Pensioners who receive an extended state pension because they have postponed taking it will also suffer. This applies regardless of whether you have been granted a postponement of the old or new AOW.
You can postpone your AOW benefit for at least nine weeks and receive more money when it starts. Under the system in place since 2016, your weekly allowance increases by 1 percent for every nine weeks you defer, which equates to 5.8 percent for every year you defer.
Because deferred payments rise with inflation rather than the triple lock, pensioners would lose out on an extra £11 this year for every year they delay.
When the new state pension was introduced, there were retirees who would have been better off under the old system. This is because they would have benefited from people like Serps.
To ensure that they would not lose out under the new system, ‘protected payments’ were introduced. They supplement the new AOW to the position they would have been in under the old AOW.
However, these protected payments are also not protected by the triple lock, according to Steve Webb, also former Pensions Minister.
This is the first time in three years that the peculiarity of the rules has resulted in pensioners being shortchanged. Over the past two years, the state pension has increased due to inflation and therefore all elements have increased together.
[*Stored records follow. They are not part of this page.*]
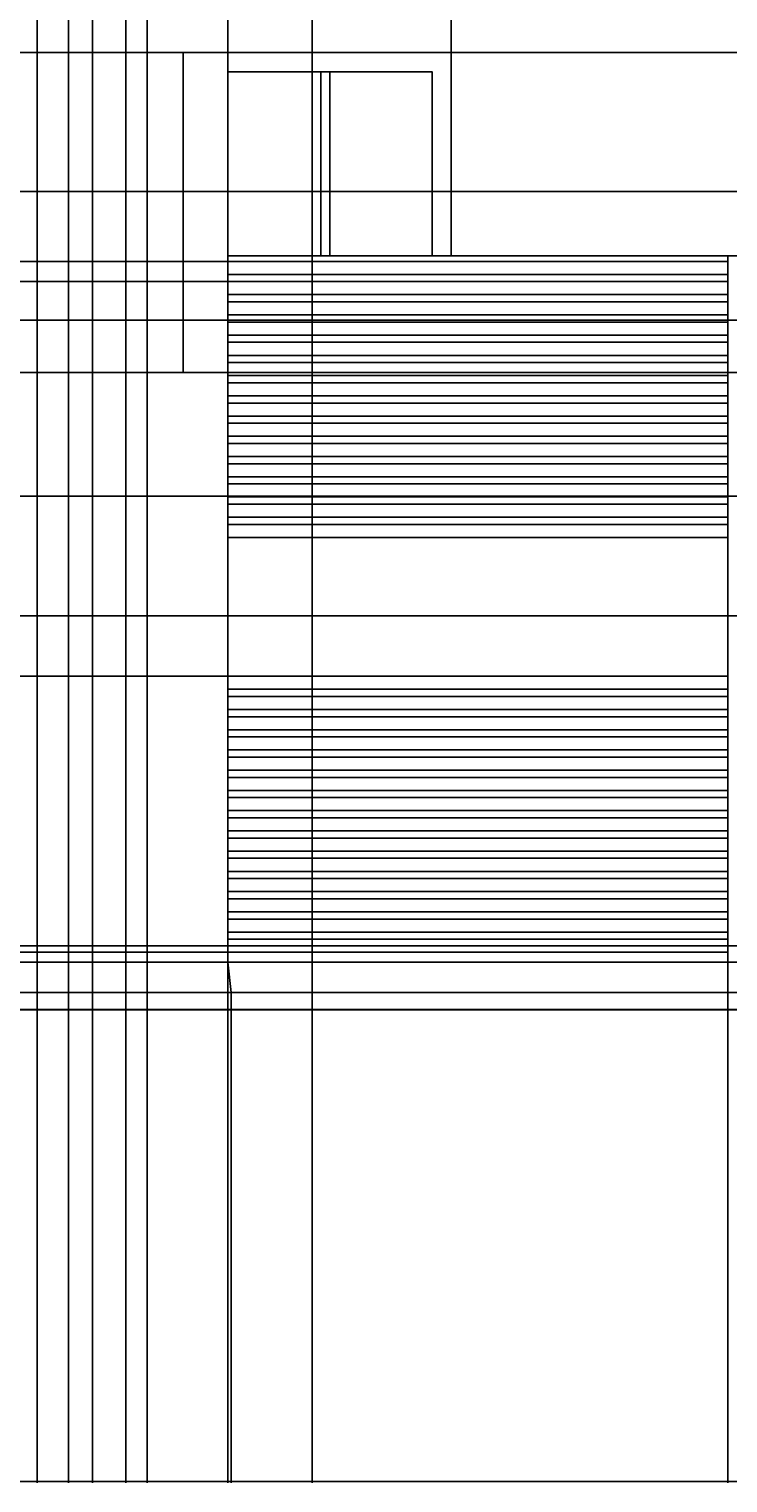
# Model space of a CAD drawing. Units: feet. Extents: x 2193 to 3502, y 890 to 1601.
# Tile 11 of 17: x 3280 to 3369, y 890 to 1076. Entities that reach past the tile are written whole.
import ezdxf

# ---------------------------------------------------------------- set-up
doc = ezdxf.new("R2010")
doc.units = ezdxf.units.FT
doc.layers.add('A-ANNO-DIMS', color=2, linetype='Continuous', lineweight=18)
doc.layers.add('A-ELEV', color=7, linetype='Continuous', lineweight=25)
doc.styles.get("Standard").update_dxf_attribs({"font": 'arial.ttf'})
doc.dimstyles.get("Standard").update_dxf_attribs({"dimtxt": 0.18, "dimasz": 0.18, "dimexe": 0.18, "dimexo": 0.0625, "dimgap": 0.09, "dimtad": 0, "dimtih": 1, "dimtoh": 1, "dimdec": 0, "dimzin": 0, "dimdsep": 46, "dimlunit": 3, "dimtxsty": 'Standard', "dimcen": 0.09, "dimadec": 0, "dimazin": 0, "dimtfac": 1, "dimtdec": 0, "dimtofl": 0, "dimtmove": 0, "dimatfit": 3, "dimfxl": 1, "dimtolj": 1, "dimtzin": 0, "dimarcsym": 0})

# ---------------------------------------------------------------- blocks, each defined once
blk = doc.blocks.new('*D13')
at = {"layer": 'A-ANNO-DIMS', "color": 0, "lineweight": -2, "transparency": 16777216}
for p, q in [((2934.37, 950.89), (2934.37, 1601.47)), ((2934.55, 1601.29), (3186.64, 1601.29)), ((3439.51, 1601.29), (3187.43, 1601.29)), ((3439.69, 1541.11), (3439.69, 1601.47))]:
    blk.add_line(p, q, dxfattribs=at)
at = {"layer": 'A-ANNO-DIMS', "color": 0, "transparency": 16777216}
for points in [[(2934.55, 1601.32), (2934.55, 1601.26), (2934.37, 1601.29)], [(3439.51, 1601.32), (3439.51, 1601.26), (3439.69, 1601.29)]]:
    blk.add_solid(points, dxfattribs=at)
at = {"layer": 'Defpoints', "color": 0, "transparency": 16777216}
for p in [(3439.69, 1601.29), (3439.69, 1541.04), (2934.37, 950.82)]:
    blk.add_point(p, dxfattribs=at)
at = {"layer": 'A-ANNO-DIMS', "color": 0, "transparency": 16777216, "insert": (3187.03, 1601.29), "char_height": 0.18, "attachment_point": 5}
blk.add_mtext('\\A1;505.3', dxfattribs=at)
blk = doc.blocks.new('*D16')
at = {"layer": 'A-ANNO-DIMS', "color": 0, "lineweight": -2, "transparency": 16777216}
for p, q in [((3132, 956.87), (3132, 890.39)), ((3305.41, 950.76), (3305.41, 890.39)), ((3132.18, 890.57), (3218.32, 890.57)), ((3305.23, 890.57), (3219.09, 890.57))]:
    blk.add_line(p, q, dxfattribs=at)
at = {"layer": 'A-ANNO-DIMS', "color": 0, "transparency": 16777216}
for points in [[(3132.18, 890.6), (3132.18, 890.54), (3132, 890.57)], [(3305.23, 890.6), (3305.23, 890.54), (3305.41, 890.57)]]:
    blk.add_solid(points, dxfattribs=at)
at = {"layer": 'Defpoints', "color": 0, "transparency": 16777216}
for p in [(3132, 956.94), (3305.41, 950.82), (3305.41, 890.57)]:
    blk.add_point(p, dxfattribs=at)
at = {"layer": 'A-ANNO-DIMS', "color": 0, "transparency": 16777216, "insert": (3218.71, 890.57), "char_height": 0.18, "attachment_point": 5}
blk.add_mtext('\\A1;173.4', dxfattribs=at)
blk = doc.blocks.new('*D17')
at = {"layer": 'A-ANNO-DIMS', "color": 0, "lineweight": -2, "transparency": 16777216}
for p, q in [((3305.41, 950.76), (3305.41, 890.39)), ((3441.42, 950.76), (3441.42, 890.39)), ((3305.59, 890.57), (3373.14, 890.57)), ((3441.24, 890.57), (3373.7, 890.57))]:
    blk.add_line(p, q, dxfattribs=at)
at = {"layer": 'A-ANNO-DIMS', "color": 0, "transparency": 16777216}
for points in [[(3305.59, 890.6), (3305.59, 890.54), (3305.41, 890.57)], [(3441.24, 890.6), (3441.24, 890.54), (3441.42, 890.57)]]:
    blk.add_solid(points, dxfattribs=at)
at = {"layer": 'Defpoints', "color": 0, "transparency": 16777216}
for p in [(3305.41, 950.82), (3441.42, 950.82), (3441.42, 890.57)]:
    blk.add_point(p, dxfattribs=at)
at = {"layer": 'A-ANNO-DIMS', "color": 0, "transparency": 16777216, "insert": (3373.42, 890.57), "char_height": 0.18, "attachment_point": 5}
blk.add_mtext('\\A1;136', dxfattribs=at)
blk = doc.blocks.new('*D25')
at = {"layer": 'A-ANNO-DIMS', "color": 0, "lineweight": -2, "transparency": 16777216}
for p, q in [((3070.17, 1073.03), (3501.85, 1073.03)), ((3501.67, 1072.85), (3501.67, 1056.13)), ((3501.67, 1039.05), (3501.67, 1055.77)), ((3067.73, 1038.87), (3501.85, 1038.87))]:
    blk.add_line(p, q, dxfattribs=at)
at = {"layer": 'A-ANNO-DIMS', "color": 0, "transparency": 16777216}
for points in [[(3501.64, 1072.85), (3501.7, 1072.85), (3501.67, 1073.03)], [(3501.64, 1039.05), (3501.7, 1039.05), (3501.67, 1038.87)]]:
    blk.add_solid(points, dxfattribs=at)
at = {"layer": 'Defpoints', "color": 0, "transparency": 16777216}
for p in [(3070.11, 1073.03), (3501.67, 1073.03), (3067.66, 1038.87)]:
    blk.add_point(p, dxfattribs=at)
at = {"layer": 'A-ANNO-DIMS', "color": 0, "transparency": 16777216, "insert": (3501.67, 1055.95), "char_height": 0.18, "attachment_point": 5}
blk.add_mtext('\\A1;34.165', dxfattribs=at)
blk = doc.blocks.new('*D31')
at = {"layer": 'A-ANNO-DIMS', "color": 0, "lineweight": -2, "transparency": 16777216}
for p, q in [((2760.54, 1541.04), (3501.85, 1541.04)), ((3501.67, 1540.86), (3501.67, 1246.12)), ((3501.67, 951), (3501.67, 1245.75)), ((2762.27, 950.82), (3501.85, 950.82))]:
    blk.add_line(p, q, dxfattribs=at)
at = {"layer": 'A-ANNO-DIMS', "color": 0, "transparency": 16777216}
for points in [[(3501.64, 1540.86), (3501.7, 1540.86), (3501.67, 1541.04)], [(3501.64, 951), (3501.7, 951), (3501.67, 950.82)]]:
    blk.add_solid(points, dxfattribs=at)
at = {"layer": 'Defpoints', "color": 0, "transparency": 16777216}
for p in [(2760.47, 1541.04), (3501.67, 1541.04), (2762.2, 950.82)]:
    blk.add_point(p, dxfattribs=at)
at = {"layer": 'A-ANNO-DIMS', "color": 0, "transparency": 16777216, "insert": (3501.67, 1245.93), "char_height": 0.18, "attachment_point": 5}
blk.add_mtext('\\A1;590.2', dxfattribs=at)
blk = doc.blocks.new('*D80')
at = {"layer": 'A-ANNO-DIMS', "color": 0, "lineweight": -2, "transparency": 16777216}
for p, q in [((3198.15, 1233.5), (3198.15, 890.39)), ((3315.74, 1233.5), (3315.74, 890.39)), ((3198.33, 890.57), (3256.49, 890.57)), ((3315.56, 890.57), (3257.4, 890.57))]:
    blk.add_line(p, q, dxfattribs=at)
at = {"layer": 'A-ANNO-DIMS', "color": 0, "transparency": 16777216}
for points in [[(3198.33, 890.6), (3198.33, 890.54), (3198.15, 890.57)], [(3315.56, 890.6), (3315.56, 890.54), (3315.74, 890.57)]]:
    blk.add_solid(points, dxfattribs=at)
at = {"layer": 'Defpoints', "color": 0, "transparency": 16777216}
for p in [(3198.15, 1233.56), (3315.74, 1233.56), (3315.74, 890.57)]:
    blk.add_point(p, dxfattribs=at)
at = {"layer": 'A-ANNO-DIMS', "color": 0, "transparency": 16777216, "insert": (3256.94, 890.57), "char_height": 0.18, "attachment_point": 5}
blk.add_mtext('\\A1;117.58', dxfattribs=at)
blk = doc.blocks.new('*D86')
at = {"layer": 'A-ANNO-DIMS', "color": 0, "lineweight": -2, "transparency": 16777216}
for p, q in [((3277.81, 1115.17), (3277.81, 890.39)), ((3280.64, 1112.39), (3280.64, 890.39)), ((3277.99, 890.57), (3278.83, 890.57)), ((3280.46, 890.57), (3279.62, 890.57))]:
    blk.add_line(p, q, dxfattribs=at)
at = {"layer": 'A-ANNO-DIMS', "color": 0, "transparency": 16777216}
for points in [[(3277.99, 890.6), (3277.99, 890.54), (3277.81, 890.57)], [(3280.46, 890.6), (3280.46, 890.54), (3280.64, 890.57)]]:
    blk.add_solid(points, dxfattribs=at)
at = {"layer": 'Defpoints', "color": 0, "transparency": 16777216}
for p in [(3277.81, 1115.23), (3280.64, 1112.45), (3280.64, 890.57)]:
    blk.add_point(p, dxfattribs=at)
at = {"layer": 'A-ANNO-DIMS', "color": 0, "transparency": 16777216, "insert": (3279.22, 890.57), "char_height": 0.18, "attachment_point": 5}
blk.add_mtext('\\A1;2.832', dxfattribs=at)
blk = doc.blocks.new('*D87')
at = {"layer": 'A-ANNO-DIMS', "color": 0, "lineweight": -2, "transparency": 16777216}
for p, q in [((3284.65, 1115.79), (3284.65, 890.39)), ((3280.64, 1112.39), (3280.64, 890.39)), ((3280.82, 890.57), (3282.27, 890.57)), ((3284.47, 890.57), (3283.03, 890.57))]:
    blk.add_line(p, q, dxfattribs=at)
at = {"layer": 'A-ANNO-DIMS', "color": 0, "transparency": 16777216}
for points in [[(3280.82, 890.6), (3280.82, 890.54), (3280.64, 890.57)], [(3284.47, 890.6), (3284.47, 890.54), (3284.65, 890.57)]]:
    blk.add_solid(points, dxfattribs=at)
at = {"layer": 'Defpoints', "color": 0, "transparency": 16777216}
for p in [(3284.65, 1115.85), (3280.64, 1112.45), (3284.65, 890.57)]:
    blk.add_point(p, dxfattribs=at)
at = {"layer": 'A-ANNO-DIMS', "color": 0, "transparency": 16777216, "insert": (3282.65, 890.57), "char_height": 0.18, "attachment_point": 5}
blk.add_mtext('\\A1;4.011', dxfattribs=at)
blk = doc.blocks.new('*D88')
at = {"layer": 'A-ANNO-DIMS', "color": 0, "lineweight": -2, "transparency": 16777216}
for p, q in [((3284.65, 1115.79), (3284.65, 890.39)), ((3287.7, 1113.78), (3287.7, 890.39)), ((3284.83, 890.57), (3285.78, 890.57)), ((3287.52, 890.57), (3286.57, 890.57))]:
    blk.add_line(p, q, dxfattribs=at)
at = {"layer": 'A-ANNO-DIMS', "color": 0, "transparency": 16777216}
for points in [[(3284.83, 890.6), (3284.83, 890.54), (3284.65, 890.57)], [(3287.52, 890.6), (3287.52, 890.54), (3287.7, 890.57)]]:
    blk.add_solid(points, dxfattribs=at)
at = {"layer": 'Defpoints', "color": 0, "transparency": 16777216}
for p in [(3284.65, 1115.85), (3287.7, 1113.84), (3287.7, 890.57)]:
    blk.add_point(p, dxfattribs=at)
at = {"layer": 'A-ANNO-DIMS', "color": 0, "transparency": 16777216, "insert": (3286.18, 890.57), "char_height": 0.18, "attachment_point": 5}
blk.add_mtext('\\A1;3.052', dxfattribs=at)
blk = doc.blocks.new('*D89')
at = {"layer": 'A-ANNO-DIMS', "color": 0, "lineweight": -2, "transparency": 16777216}
for p, q in [((3287.7, 1113.78), (3287.7, 890.39)), ((3291.98, 1108.64), (3291.98, 890.39)), ((3287.88, 890.57), (3289.44, 890.57)), ((3291.8, 890.57), (3290.24, 890.57))]:
    blk.add_line(p, q, dxfattribs=at)
at = {"layer": 'A-ANNO-DIMS', "color": 0, "transparency": 16777216}
for points in [[(3287.88, 890.6), (3287.88, 890.54), (3287.7, 890.57)], [(3291.8, 890.6), (3291.8, 890.54), (3291.98, 890.57)]]:
    blk.add_solid(points, dxfattribs=at)
at = {"layer": 'Defpoints', "color": 0, "transparency": 16777216}
for p in [(3287.7, 1113.84), (3291.98, 1108.7), (3291.98, 890.57)]:
    blk.add_point(p, dxfattribs=at)
at = {"layer": 'A-ANNO-DIMS', "color": 0, "transparency": 16777216, "insert": (3289.84, 890.57), "char_height": 0.18, "attachment_point": 5}
blk.add_mtext('\\A1;4.273', dxfattribs=at)
blk = doc.blocks.new('*D90')
at = {"layer": 'A-ANNO-DIMS', "color": 0, "lineweight": -2, "transparency": 16777216}
for p, q in [((3294.68, 1115), (3294.68, 890.39)), ((3291.98, 1108.64), (3291.98, 890.39)), ((3292.16, 890.57), (3292.93, 890.57)), ((3294.5, 890.57), (3293.72, 890.57))]:
    blk.add_line(p, q, dxfattribs=at)
at = {"layer": 'A-ANNO-DIMS', "color": 0, "transparency": 16777216}
for points in [[(3292.16, 890.6), (3292.16, 890.54), (3291.98, 890.57)], [(3294.5, 890.6), (3294.5, 890.54), (3294.68, 890.57)]]:
    blk.add_solid(points, dxfattribs=at)
at = {"layer": 'Defpoints', "color": 0, "transparency": 16777216}
for p in [(3294.68, 1115.06), (3291.98, 1108.7), (3294.68, 890.57)]:
    blk.add_point(p, dxfattribs=at)
at = {"layer": 'A-ANNO-DIMS', "color": 0, "transparency": 16777216, "insert": (3293.33, 890.57), "char_height": 0.18, "attachment_point": 5}
blk.add_mtext('\\A1;2.703', dxfattribs=at)
blk = doc.blocks.new('*D97')
at = {"layer": 'A-ANNO-DIMS', "color": 0, "lineweight": -2, "transparency": 16777216}
for p, q in [((3111.13, 1032.26), (3111.13, 1601.47)), ((3111.31, 1601.29), (3207.6, 1601.29)), ((3304.79, 1601.29), (3208.51, 1601.29)), ((3304.97, 1032.26), (3304.97, 1601.47))]:
    blk.add_line(p, q, dxfattribs=at)
at = {"layer": 'A-ANNO-DIMS', "color": 0, "transparency": 16777216}
for points in [[(3111.31, 1601.32), (3111.31, 1601.26), (3111.13, 1601.29)], [(3304.79, 1601.32), (3304.79, 1601.26), (3304.97, 1601.29)]]:
    blk.add_solid(points, dxfattribs=at)
at = {"layer": 'Defpoints', "color": 0, "transparency": 16777216}
for p in [(3304.97, 1601.29), (3111.13, 1032.19), (3304.97, 1032.19)]:
    blk.add_point(p, dxfattribs=at)
at = {"layer": 'A-ANNO-DIMS', "color": 0, "transparency": 16777216, "insert": (3208.05, 1601.29), "char_height": 0.18, "attachment_point": 5}
blk.add_mtext('\\A1;193.84', dxfattribs=at)
blk = doc.blocks.new('*D101')
at = {"layer": 'A-ANNO-DIMS', "color": 0, "lineweight": -2, "transparency": 16777216}
for p, q in [((3265.16, 1055.31), (3501.85, 1055.31)), ((3501.67, 1055.13), (3501.67, 1043.93)), ((3501.67, 1032.37), (3501.67, 1043.57)), ((3265.16, 1032.19), (3501.85, 1032.19))]:
    blk.add_line(p, q, dxfattribs=at)
at = {"layer": 'A-ANNO-DIMS', "color": 0, "transparency": 16777216}
for points in [[(3501.64, 1055.13), (3501.7, 1055.13), (3501.67, 1055.31)], [(3501.64, 1032.37), (3501.7, 1032.37), (3501.67, 1032.19)]]:
    blk.add_solid(points, dxfattribs=at)
at = {"layer": 'Defpoints', "color": 0, "transparency": 16777216}
for p in [(3265.1, 1055.31), (3501.67, 1055.31), (3265.1, 1032.19)]:
    blk.add_point(p, dxfattribs=at)
at = {"layer": 'A-ANNO-DIMS', "color": 0, "transparency": 16777216, "insert": (3501.67, 1043.75), "char_height": 0.18, "attachment_point": 5}
blk.add_mtext('\\A1;23.113', dxfattribs=at)
blk = doc.blocks.new('*D103')
at = {"layer": 'A-ANNO-DIMS', "color": 0, "lineweight": -2, "transparency": 16777216}
for p, q in [((3279.67, 1016.4), (3501.85, 1016.4)), ((3501.67, 1016.22), (3501.67, 984.9)), ((3501.67, 953.21), (3501.67, 984.53)), ((3279.67, 953.03), (3501.85, 953.03))]:
    blk.add_line(p, q, dxfattribs=at)
at = {"layer": 'A-ANNO-DIMS', "color": 0, "transparency": 16777216}
for points in [[(3501.64, 1016.22), (3501.7, 1016.22), (3501.67, 1016.4)], [(3501.64, 953.21), (3501.7, 953.21), (3501.67, 953.03)]]:
    blk.add_solid(points, dxfattribs=at)
at = {"layer": 'Defpoints', "color": 0, "transparency": 16777216}
for p in [(3279.61, 1016.4), (3501.67, 1016.4), (3279.61, 953.03)]:
    blk.add_point(p, dxfattribs=at)
at = {"layer": 'A-ANNO-DIMS', "color": 0, "transparency": 16777216, "insert": (3501.67, 984.72), "char_height": 0.18, "attachment_point": 5}
blk.add_mtext('\\A1;63.37', dxfattribs=at)
blk = doc.blocks.new('*D114')
at = {"layer": 'A-ANNO-DIMS', "color": 0, "lineweight": -2, "transparency": 16777216}
for p, q in [((3157.89, 1001.13), (3501.85, 1001.13)), ((3501.67, 1000.95), (3501.67, 980.23)), ((3501.67, 959.14), (3501.67, 979.86)), ((3159.36, 958.96), (3501.85, 958.96))]:
    blk.add_line(p, q, dxfattribs=at)
at = {"layer": 'A-ANNO-DIMS', "color": 0, "transparency": 16777216}
for points in [[(3501.64, 1000.95), (3501.7, 1000.95), (3501.67, 1001.13)], [(3501.64, 959.14), (3501.7, 959.14), (3501.67, 958.96)]]:
    blk.add_solid(points, dxfattribs=at)
at = {"layer": 'Defpoints', "color": 0, "transparency": 16777216}
for p in [(3157.83, 1001.13), (3501.67, 1001.13), (3159.3, 958.96)]:
    blk.add_point(p, dxfattribs=at)
at = {"layer": 'A-ANNO-DIMS', "color": 0, "transparency": 16777216, "insert": (3501.67, 980.04), "char_height": 0.18, "attachment_point": 5}
blk.add_mtext('\\A1;42.18', dxfattribs=at)
blk = doc.blocks.new('*D115')
at = {"layer": 'A-ANNO-DIMS', "color": 0, "lineweight": -2, "transparency": 16777216}
for p, q in [((3192.61, 1016.4), (3501.85, 1016.4)), ((3501.67, 1016.22), (3501.67, 987.86)), ((3501.67, 959.14), (3501.67, 987.5)), ((3194.2, 958.96), (3501.85, 958.96))]:
    blk.add_line(p, q, dxfattribs=at)
at = {"layer": 'A-ANNO-DIMS', "color": 0, "transparency": 16777216}
for points in [[(3501.64, 1016.22), (3501.7, 1016.22), (3501.67, 1016.4)], [(3501.64, 959.14), (3501.7, 959.14), (3501.67, 958.96)]]:
    blk.add_solid(points, dxfattribs=at)
at = {"layer": 'Defpoints', "color": 0, "transparency": 16777216}
for p in [(3192.55, 1016.4), (3501.67, 1016.4), (3194.13, 958.96)]:
    blk.add_point(p, dxfattribs=at)
at = {"layer": 'A-ANNO-DIMS', "color": 0, "transparency": 16777216, "insert": (3501.67, 987.68), "char_height": 0.18, "attachment_point": 5}
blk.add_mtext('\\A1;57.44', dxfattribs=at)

‘I am furious that my pension is not fully increasing’
David Salisbury, from Northampton, was surprised and confused to see his pension would rise less than the generally advertised rate when he received a statement about the increase a few weeks ago.
Instead of increasing by the full 8.5 percent, his pension will grow by 8.18 percent, he says.
This is because the 69-year-old who receives the new state pension also receives a ‘protected benefit’ on top of that. This part will increase by only 6.7 percent, instead of the full 8.5 percent.
If his entire pension had been increased by the full amount, he would be £40 a year better off.
He says, ‘I’m not losing out on a fortune, but it’s the principle of it, and compound interest means I’m going to get poorer and poorer as the years go by.
‘Politicians have been very misleading and are letting us down by being so careful about the money.
‘It is unfair that our full state pensions are not increasing by the amount they proudly talk about. Politicians are not direct and honest with people.’
Retirees are left behind
It’s a double whammy for retirees like David, who were left behind during the government’s recent tax cuts. Chancellor Jeremy Hunt handed workers a 2p cut on national insurance for the second time in six months during his spring budget in March. However, the tax cuts, which are collectively worth £900 to the average worker, will not help pensioners as they do not pay national insurance.
Baroness Altmann says: ‘Pensioners may feel that things are stacked against them rather than for them at the moment.’
Many retirees are also facing an increasing tax burden. More than half a million retirees will be hit with income tax bills for the first time since retirement after the state pension rose on Monday. And up to 1.6 million extra pensioners will pay income tax over the next four years as a result of the government’s secret tax heist, according to predictions from the House of Commons Library.